Courir après l’amour

Sophie Desmarais interprète Sarah, une coureuse de demi-fond, peu loquace et dévouée à son sport.
Photo: Films Séville Sophie Desmarais interprète Sarah, une coureuse de demi-fond, peu loquace et dévouée à son sport.

Il y a beaucoup à admirer dans Sarah préfère la course. La vigueur de l’écriture en demi-teintes et à demi-mot, la rigueur de la mise en scène sobre et expressive, la beauté austère de la photographie, la qualité de l’interprétation dans la retenue, jamais artificielle. À aimer ? C’est une autre histoire.

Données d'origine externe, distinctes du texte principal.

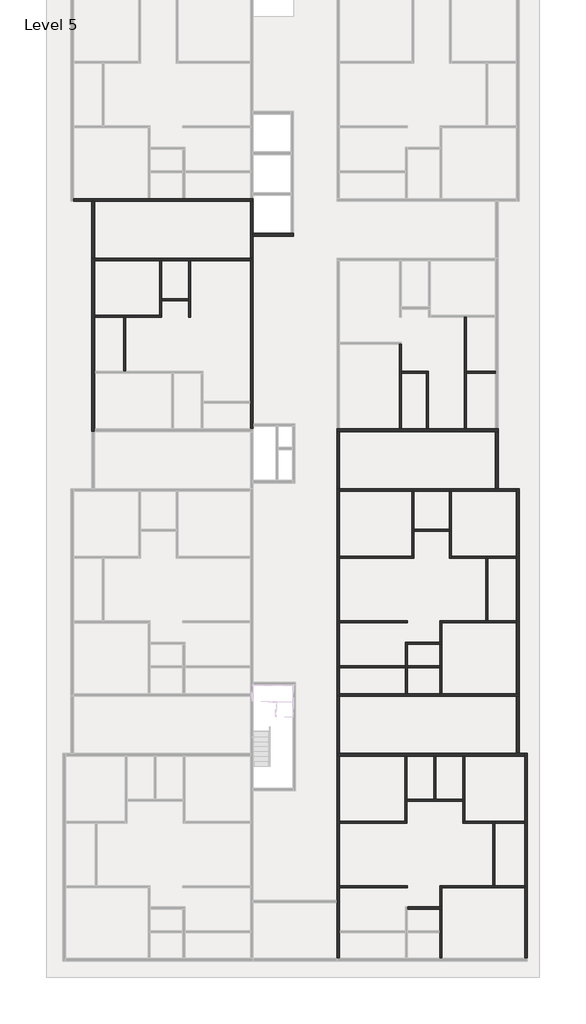
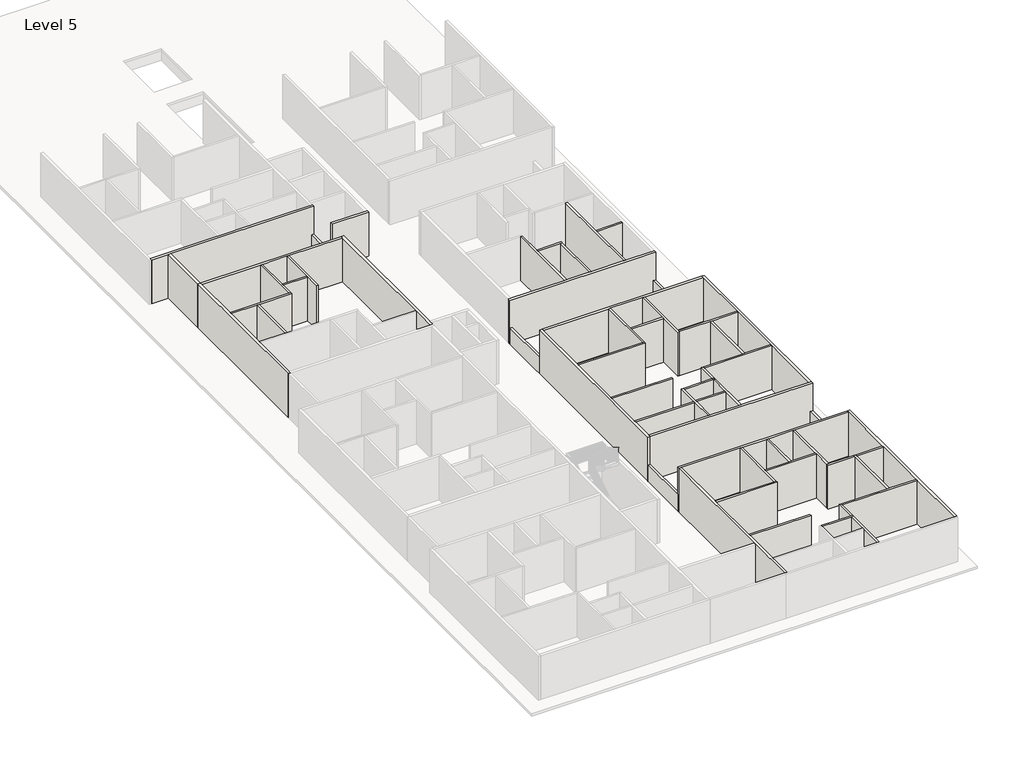
# One storey, part 2 of 8: 56 walls.
"""IFC4 building model written with IfcOpenShell, lengths in millimetres."""

from ifc_helpers import new_model, si_unit, frame, origin, place, context, project, spatial, polyline, outline, extrude, faceted_brep, element, save

model = new_model("IFC4")

# Units and contexts
model_context = context("Model", 3, world=origin())
ifc_project = project(units=[si_unit("LENGTHUNIT", "METRE", prefix="MILLI")], contexts=[model_context])

# Site, building, storey
site = spatial("IfcSite", under=ifc_project)
building = spatial("IfcBuilding", under=site)
storey = spatial("IfcBuildingStorey", under=building, Name="Level 5", Elevation=37426.6172466)

# Walls
placement = place(None, origin())
element("IfcWall", 1, ObjectType="4.5\"", at=placement, inside=storey, context=model_context, shape_type="Brep", body=[
    faceted_brep([(-12531.5544854, 2100.0216096, 37426.6172466), (-10907.2415084, 2100.0216096, 37426.6172466), (-10792.9415084, 2100.0216096, 37426.6172466), (-8759.6544854, 2100.0216096, 37426.6172466), (-8759.6544854, 2100.0216096, 40474.6172466), (-10792.9415084, 2100.0216096, 40474.6172466), (-10907.2415084, 2100.0216096, 40474.6172466), (-12531.5544854, 2100.0216096, 40474.6172466), (-12531.5544854, 2214.3216096, 37426.6172466), (-12531.5544854, 2214.3216096, 40474.6172466), (-8873.9544854, 2214.3216096, 40474.6172466), (-8759.6544854, 2214.3216096, 40474.6172466), (-8759.6544854, 2214.3216096, 37426.6172466), (-8873.9544854, 2214.3216096, 37426.6172466)], [[[0, 1, 2, 3, 4, 5, 6, 7]], [[8, 9, 10, 11, 12, 13]], [[3, 2, 1, 0, 8, 13, 12]], [[0, 7, 9, 8]], [[4, 3, 12, 11]], [[7, 6, 5, 4, 11, 10, 9]]]),
])
element("IfcWall", 2, ObjectType="4.5\"", at=placement, inside=storey, context=model_context, shape_type="Brep", body=[
    faceted_brep([(-8759.6544854, 2214.3216096, 37426.6172466), (-8759.6544854, 3014.4216096, 37426.6172466), (-8759.6544854, 3128.7216096, 37426.6172466), (-8759.6544854, 5264.2743917, 37426.6172466), (-8759.6544854, 5264.2743917, 40474.6172466), (-8759.6544854, 3128.7216096, 40474.6172466), (-8759.6544854, 3014.4216096, 40474.6172466), (-8759.6544854, 2214.3216096, 40474.6172466), (-8873.9544854, 2214.3216096, 37426.6172466), (-8873.9544854, 2214.3216096, 40474.6172466), (-8873.9544854, 5264.2743917, 40474.6172466), (-8873.9544854, 5264.2743917, 37426.6172466)], [[[0, 1, 2, 3, 4, 5, 6, 7]], [[8, 9, 10, 11]], [[3, 2, 1, 0, 8, 11]], [[0, 7, 9, 8]], [[4, 3, 11, 10]], [[7, 6, 5, 4, 10, 9]]]),
])
element("IfcWall", 3, ObjectType="4.5\"", at=placement, inside=storey, context=model_context, shape_type="Brep", body=[
    faceted_brep([(-7235.6544854, 5264.2743917, 37426.6172466), (-7235.6544854, 3128.7216096, 37426.6172466), (-7235.6544854, 3014.4216096, 37426.6172466), (-7235.6544854, 2100.0216096, 37426.6172466), (-7235.6544854, 2100.0216096, 40474.6172466), (-7235.6544854, 3014.4216096, 40474.6172466), (-7235.6544854, 3128.7216096, 40474.6172466), (-7235.6544854, 5264.2743917, 40474.6172466), (-7121.3544854, 5264.2743917, 37426.6172466), (-7121.3544854, 5264.2743917, 40474.6172466), (-7121.3544854, 2100.0216096, 40474.6172466), (-7121.3544854, 2100.0216096, 37426.6172466)], [[[0, 1, 2, 3, 4, 5, 6, 7]], [[8, 9, 10, 11]], [[3, 2, 1, 0, 8, 11]], [[4, 3, 11, 10]], [[0, 7, 9, 8]], [[7, 6, 5, 4, 10, 9]]]),
])
element("IfcWall", 4, ObjectType="4.5\"", at=placement, inside=storey, context=model_context, shape_type="SweptSolid", body=[
    extrude(outline(polyline([(-7235.6544854, 3014.4216096), (-8759.6544854, 3014.4216096), (-8759.6544854, 3128.7216096), (-7235.6544854, 3128.7216096), (-7235.6544854, 3014.4216096)])), frame((0.0, 0.0, 37426.6172466), z_axis=(0.0, 0.0, 1.0), x_axis=(1.0, 0.0, 0.0)), (0.0, 0.0, 1.0), 3048.0),
])
element("IfcWall", 5, ObjectType="4.5\"", at=placement, inside=storey, context=model_context, shape_type="SweptSolid", body=[
    extrude(outline(polyline([(-10907.2415084, -947.4344126), (-10907.2415084, 2100.0216096), (-10792.9415084, 2100.0216096), (-10792.9415084, -947.4344126), (-10907.2415084, -947.4344126)])), frame((0.0, 0.0, 37426.6172466), z_axis=(0.0, 0.0, 1.0), x_axis=(1.0, 0.0, 0.0)), (0.0, 0.0, 1.0), 3048.0),
])
element("IfcWall", 6, ObjectType="4.5\"", at=placement, inside=storey, context=model_context, shape_type="Brep", body=[
    faceted_brep([(5056.6584916, -31173.4344126, 37426.6172466), (6885.4584916, -31173.4344126, 37426.6172466), (6999.7584916, -31173.4344126, 37426.6172466), (6999.7584916, -31173.4344126, 40474.6172466), (6885.4584916, -31173.4344126, 40474.6172466), (5056.6584916, -31173.4344126, 40474.6172466), (5056.6584916, -31059.1344126, 37426.6172466), (5056.6584916, -31059.1344126, 40474.6172466), (6885.4584916, -31059.1344126, 40474.6172466), (6999.7584916, -31059.1344126, 40474.6172466), (6999.7584916, -31059.1344126, 37426.6172466), (6885.4584916, -31059.1344126, 37426.6172466)], [[[0, 1, 2, 3, 4, 5]], [[6, 7, 8, 9, 10, 11]], [[2, 1, 0, 6, 11, 10]], [[0, 5, 7, 6]], [[3, 2, 10, 9]], [[5, 4, 3, 9, 8, 7]]]),
])
element("IfcWall", 7, ObjectType="4.5\"", at=placement, inside=storey, context=model_context, shape_type="Brep", body=[
    faceted_brep([(6885.4584916, -31173.4344126, 37426.6172466), (6885.4584916, -32392.6344126, 37426.6172466), (6885.4584916, -32506.9344126, 37426.6172466), (6885.4584916, -33954.7344126, 37426.6172466), (6885.4584916, -33954.7344126, 40474.6172466), (6885.4584916, -32506.9344126, 40474.6172466), (6885.4584916, -32392.6344126, 40474.6172466), (6885.4584916, -31173.4344126, 40474.6172466), (6999.7584916, -31173.4344126, 37426.6172466), (6999.7584916, -31173.4344126, 40474.6172466), (6999.7584916, -33954.7344126, 40474.6172466), (6999.7584916, -33954.7344126, 37426.6172466)], [[[0, 1, 2, 3, 4, 5, 6, 7]], [[8, 9, 10, 11]], [[3, 2, 1, 0, 8, 11]], [[0, 7, 9, 8]], [[4, 3, 11, 10]], [[7, 6, 5, 4, 10, 9]]]),
])
element("IfcWall", 8, ObjectType="4.5\"", at=placement, inside=storey, context=model_context, shape_type="Brep", body=[
    faceted_brep([(6999.7584916, -31059.1344126, 37426.6172466), (6999.7584916, -29966.9344126, 37426.6172466), (6999.7584916, -29852.6344126, 37426.6172466), (6999.7584916, -29852.6344126, 40474.6172466), (6999.7584916, -29966.9344126, 40474.6172466), (6999.7584916, -31059.1344126, 40474.6172466), (6885.4584916, -31059.1344126, 37426.6172466), (6885.4584916, -31059.1344126, 40474.6172466), (6885.4584916, -29852.6344126, 40474.6172466), (6885.4584916, -29852.6344126, 37426.6172466)], [[[0, 1, 2, 3, 4, 5]], [[6, 7, 8, 9]], [[2, 1, 0, 6, 9]], [[0, 5, 7, 6]], [[3, 2, 9, 8]], [[5, 4, 3, 8, 7]]]),
])
element("IfcWall", 9, ObjectType="4.5\"", at=placement, inside=storey, context=model_context, shape_type="Brep", body=[
    faceted_brep([(6999.7584916, -29966.9344126, 37426.6172466), (11660.6584916, -29966.9344126, 37426.6172466), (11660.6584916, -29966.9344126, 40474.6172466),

Le premier long-métrage de Chloé Robichaud n’est pas à proprement parler un film aimable, qui flatte le spectateur dans le sens de ses attentes. Son héroïne, une coureuse de demi-fond peu loquace et dévouée à son sport, jouée par la brillante Sophie Desmarais - dont le regard félin rappelle celui de Pascale Bussières -, n’a pas non plus le contact facile. Qu’à cela ne tienne. Robichaud ne nous invite pas à l’aimer ou à l’adopter, comme on le ferait d’un animal de compagnie, mais à la découvrir, dans toute sa complexité, et à lui céder de l’espace pour exister. À cet égard, son film constitue une vraie belle réussite.


Sarah pourrait être la petite soeur de l’héroïne du film de Manon Briand 2 secondes, une cycliste extrême jouée par Charlotte Laurier. Aux antipodes sur le plan artistique, les deux films parlent en canon de dépassement athlétique et de sexualité sublimée, à travers une odyssée initiatique inspirée, sur les plans du rythme et de la construction, par la discipline sportive en question.


2 secondes dévalait les pentes. Sarah préfère la course avance sûrement mais à pas lents (paradoxe bien trouvé) sur une piste de course délimitée par deux courbes.


Sarah quitte le confort de sa banlieue de Québec et le giron d’une mère cassante (Hélène Florent) pour Montréal, où elle s’est fait offrir une place au sein du club d’athlétisme de l’Université McGill dirigé par une dame de fer (Micheline Lanctôt, en forme). Pour aplanir les difficultés, son ami Antoine (Jean-Sébastien Courchesne) emménage avec elle puis, afin de lui permettre de se consacrer à son sport sans soucis financiers, lui propose un mariage blanc qui lui donnera accès au régime des prêts et bourses. Le mariage la libère, elle, mais l’enchaîne, lui, un peu plus à celle qu’il aime secrètement.


Le récit aborde sa première grande courbe dans une scène de karaoké mémorable, où Sarah subit la révélation de sa propre sexualité en entendant sa partenaire du club d’athlétisme (Geneviève Boivin-Roussy) chanter le classique tiré du film L’initiation : Un jour il viendra mon amour. L’image subjective (nous sommes dans le regard de Sarah) montre l’objet de sa fascination en plan serré, sur un mur nu, dans une sublime pose de pochette de vinyle vintage. Puis, au milieu de la chanson, point de bascule : la voix de son interprète originale, Diane Dufresne, prend d’assaut la piste sonore, comme l’amour dans le coeur de l’athlète déphasée qui, pour la première fois, entre en contact avec elle-même : « Ma vie sera comme une fleur/Qui s’ouvre à son bonheur ».


Avec un minimum d’effets et de manipulation, Robichaud tire avec cette scène d’anthologie le maximum de l’expression et de l’émotion. C’est dans cet instant de cinéma magique qu’on reconnaît ce qu’on ne pouvait que pressentir jusque-là, c’est-à-dire le très grand potentiel de cette cinéaste qui, à 25 ans, signe un film beau et achevé, jeune et mature, qui privilégie la mesure à l’emportement.